Saastr「Coupa, Marketo, and the Great Coming Rebound in SaaS」の一部を日本語で紹介したものです。全文はリンク先をご覧ください。
SaaSのマルチプルが過去最低水準に迫っていくなか、PEファームの活動がより活発になってきている。VistaとThoma Bravoの2大巨頭PEの間でCoupaに対する入札合戦が起きて、最終的にはThoma Bravoが80億ドルでCoupaを非公開化することに勝利した。これはSaaSがリバウンドする予兆なのか?
実際2016年にも似たようなことがあった。SaaS株が低迷するなか、LinkedInとMarketoがプレミアで買収された。Vistaが当時Marketoを17億ドルで買収し、その評価の高さに納得した人は少なかった。そしてその2年後にはAdobeが47億ドルでMarketoを買収する。
今年は、PEがZendesk、Coupa、Avalara, Anaplanなどを買収。少なくともPEファンドはSaaS市場をロングで見ていると言えるだろう。
米ビジネス支出管理SaaS上場企業Coupa、Thoma Bravoが$8B(約1.1兆円)で買収を発表
2016年に上場したCoupaは、エンタープライズ向けの支出管理SaaS企業。12/8に大手PEファーム Thoma Bravoが$8B(株価$81)で買収を発表した。Thoma Bravoが今年発表した、米SaaS上場企業への大型買収としては、Sailpoint($12.3B)、Anaplan($10.4B)に次ぐ規模。先週アクティビスト投資家HMI Capitalが同社経営陣に送ったレターで「株価$95以下で売却するな」とした株価より低い。しかし、$81という株価は77%のプレミアムがついている格好だ。取締役会は全会一致でこの条件に同意しているが、2023年初めに予定される株主総会で、HMI Capitalがこの取引への反対を主導するかどうかに関心が集まっている。この買収は株主と規制当局の承認が得られれば、2023年前半に完了する見込み。

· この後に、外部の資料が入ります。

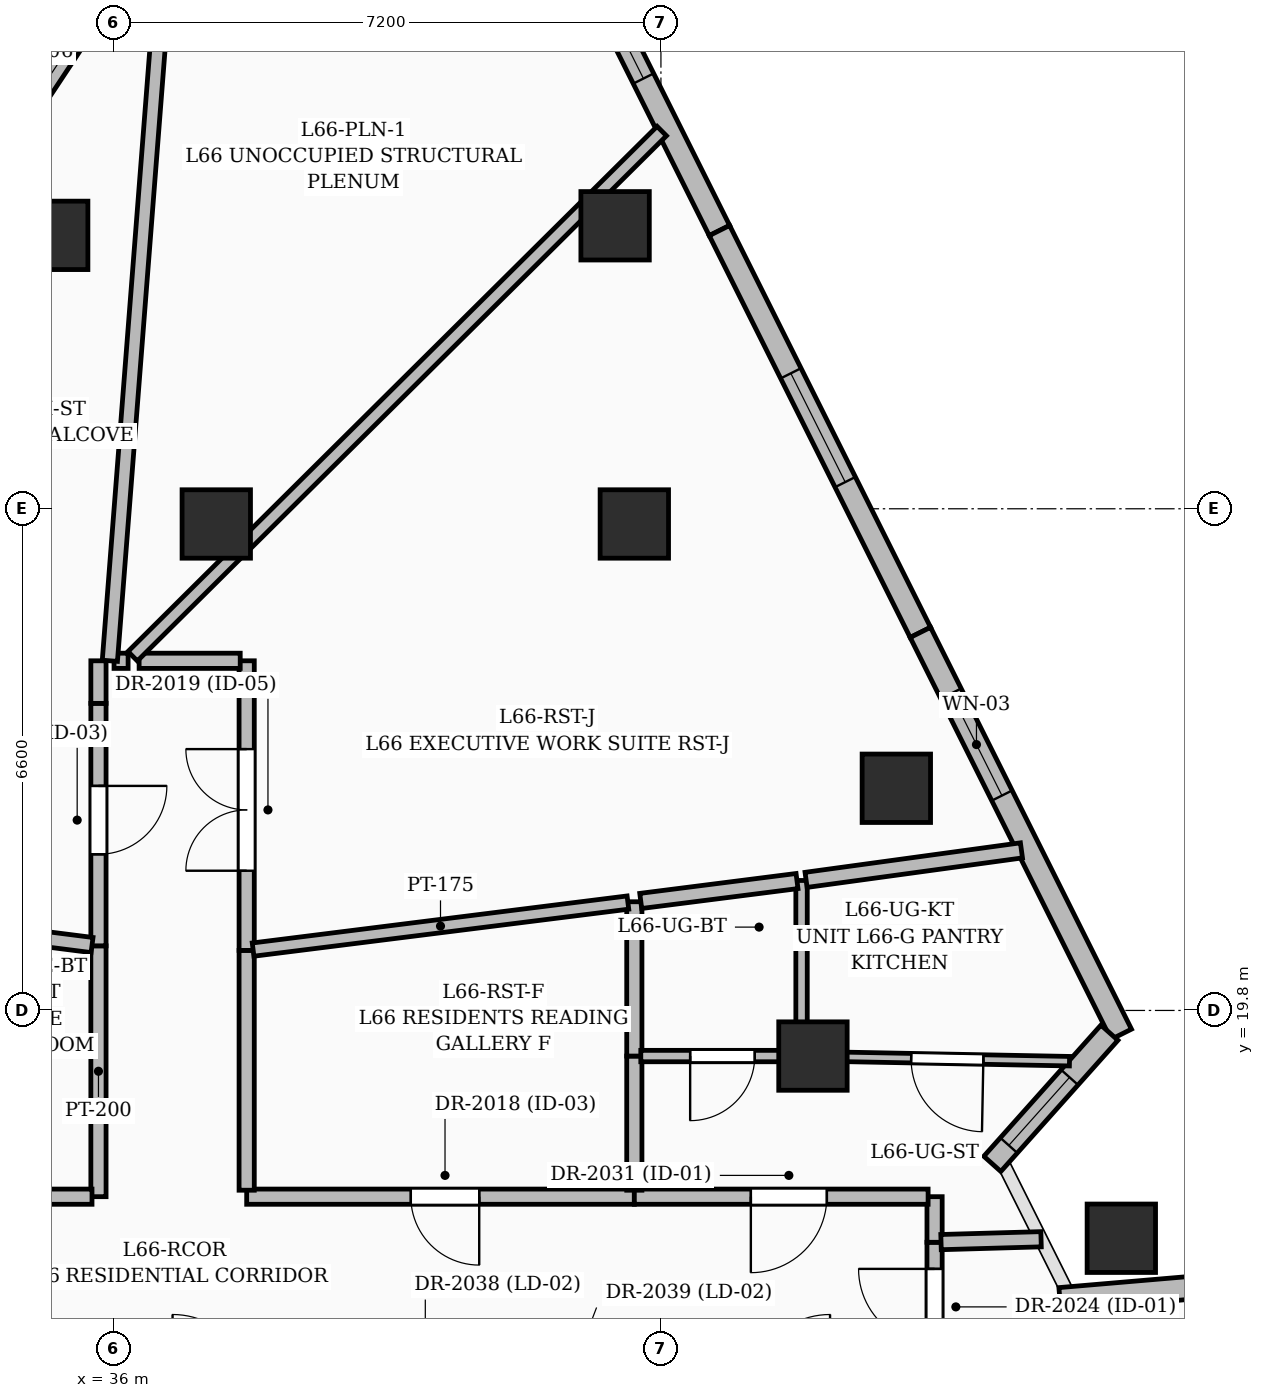
"""IFC4 building model, lengths in metres.
Left out: names, types, materials, properties, quantities, classifications, styles, units other than length and angle.
Written with IfcOpenShell. Run it as: python <this file> out.ifc"""

import sys

from ifc_helpers import new_model, si_unit, direction, frame, frame_2d, origin, origin_2d, place, context, subcontext, project, spatial, rectangle, extrude, element, fill, save


model = new_model("IFC4")
c1 = context("Model", 3, precision=1e-05, world=origin(), true_north=direction((0.0, 1.0)))
c2 = subcontext(c1, "Body", "Model", "MODEL_VIEW")
j1 = project(units=[si_unit("LENGTHUNIT", "METRE"), si_unit("PLANEANGLEUNIT", "RADIAN")], contexts=[c1])
p1 = place(None, origin())
s1 = spatial("IfcSite", under=j1, at=p1, CompositionType="ELEMENT")
p2 = place(p1, origin())
s2 = spatial("IfcBuilding", under=s1, at=p2, CompositionType="ELEMENT")
p3 = place(p2, frame((0.0, 0.0, 255.75)))
s3 = spatial("IfcBuildingStorey", under=s2, at=p3, CompositionType="ELEMENT", Elevation=255.75)
for number, where, z_axis, x_axis in (
    (1, (45.2, 19.2, 0.0), (0.0, 0.0, 1.0), (1.0, 0.0, 0.0)),
    (2, (42.85, 26.2, 0.0), (0.0, 0.0, 1.0), (1.0, 0.0, 0.0)),
    (3, (37.35, 26.2, 0.0), (0.0, 0.0, 1.0), (1.0, 0.0, 0.0)),
    (4, (49.257, 16.803, 0.0), (0.0, 0.0, 1.0), (1.0, 0.0, 0.0)),
    (5, (46.297, 22.723, 0.0), (0.0, 0.0, 1.0), (1.0, 0.0, 0.0)),
    (6, (42.597, 30.123, 0.0), (0.0, 0.0, 1.0), (1.0, 0.0, 0.0)),
    (7, (35.211, 29.997, 0.0), (0.0, 0.0, 1.0), (1.0, 0.0, 0.0)),
):
    element("IfcColumn", number, at=place(p3, frame(where, z_axis=z_axis, x_axis=x_axis)), inside=s3, PredefinedType="COLUMN", context=c2, shape_type="SweptSolid", body=[
        extrude(rectangle(XDim=0.9, YDim=0.9, at=origin_2d()), origin(), (0.0, 0.0, 1.0), 3.75),
    ])
p4 = place(p3, frame((33.699, 29.888, 0.0), z_axis=(0.0, 0.0, 1.0), x_axis=(0.552111744248, 0.833770125312, 0.0)))
e8 = element("IfcWall", 8, at=p4, inside=s3, PredefinedType="SOLIDWALL", context=c2, shape_type="SweptSolid", body=[
    extrude(rectangle(XDim=6.689, YDim=0.3, at=frame_2d((3.344, 0.0))), origin(), (0.0, 0.0, 1.0), 3.5),
])
p5 = place(p4, frame((1.6, 0.0, 0.55)))
e9 = element("IfcOpeningElement", 9, at=p5, cuts=e8, PredefinedType="OPENING", context=c2, shape_type="SweptSolid", body=[
    extrude(rectangle(XDim=1.6, YDim=2.2, at=frame_2d((0.8, 1.1))), frame((0.0, 0.16, 0.0), z_axis=(0.0, -1.0, 0.0), x_axis=(1.0, 0.0, 0.0)), (0.0, 0.0, 1.0), 0.32),
])
p6 = place(p3, frame((41.588, 34.824, 0.0), z_axis=(0.0, 0.0, 1.0), x_axis=(0.4472135955, -0.894427191, 0.0)))
e10 = element("IfcWall", 10, at=p6, inside=s3, PredefinedType="SOLIDWALL", context=c2, shape_type="SweptSolid", body=[
    extrude(rectangle(XDim=5.326, YDim=0.3, at=frame_2d((2.663, 0.0))), origin(), (0.0, 0.0, 1.0), 3.5),
])
p7 = place(p6, frame((1.29, 0.0, 0.6)))
e11 = element("IfcOpeningElement", 11, at=p7, cuts=e10, PredefinedType="OPENING", context=c2, shape_type="SweptSolid", body=[
    extrude(rectangle(XDim=1.8, YDim=2.1, at=frame_2d((0.9, 1.05))), frame((0.0, 0.16, 0.0), z_axis=(0.0, -1.0, 0.0), x_axis=(1.0, 0.0, 0.0)), (0.0, 0.0, 1.0), 0.32),
])
p8 = place(p3, frame((43.97, 30.06, 0.0), z_axis=(0.0, 0.0, 1.0), x_axis=(0.447246638907, -0.894410668534, 0.0)))
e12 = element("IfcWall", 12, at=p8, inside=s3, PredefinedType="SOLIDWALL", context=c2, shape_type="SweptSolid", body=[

AI/ML分析アプリ構築SaaSユニコーンDataiku、シリーズFで$200M(約271億円)をダウンラウンド調達
2013年仏・パリ創業のDataikuは、AI/MLを活用したデータ分析アプリケーションの構築、テスト、デプロイを支援するSaaSを提供するSaaSユニコーン企業。Dataikuの顧客数は現在500社以上に上り、その内150社は世界最大手の企業だ。ARRは$150M(203億円)に達したと初めて公表した。競合のDataRobotと異なり、大規模なレイオフを行わず、従来の成長戦略を変えずに推進すると株主に説明している。本シリーズFは、Wellington Managementがリード。バリュエーションは、2021年8月のシリーズEの$4.6B(約6,300億円)から-20%下げ、今回$3.7B(約5,000億円)で調達を実行した。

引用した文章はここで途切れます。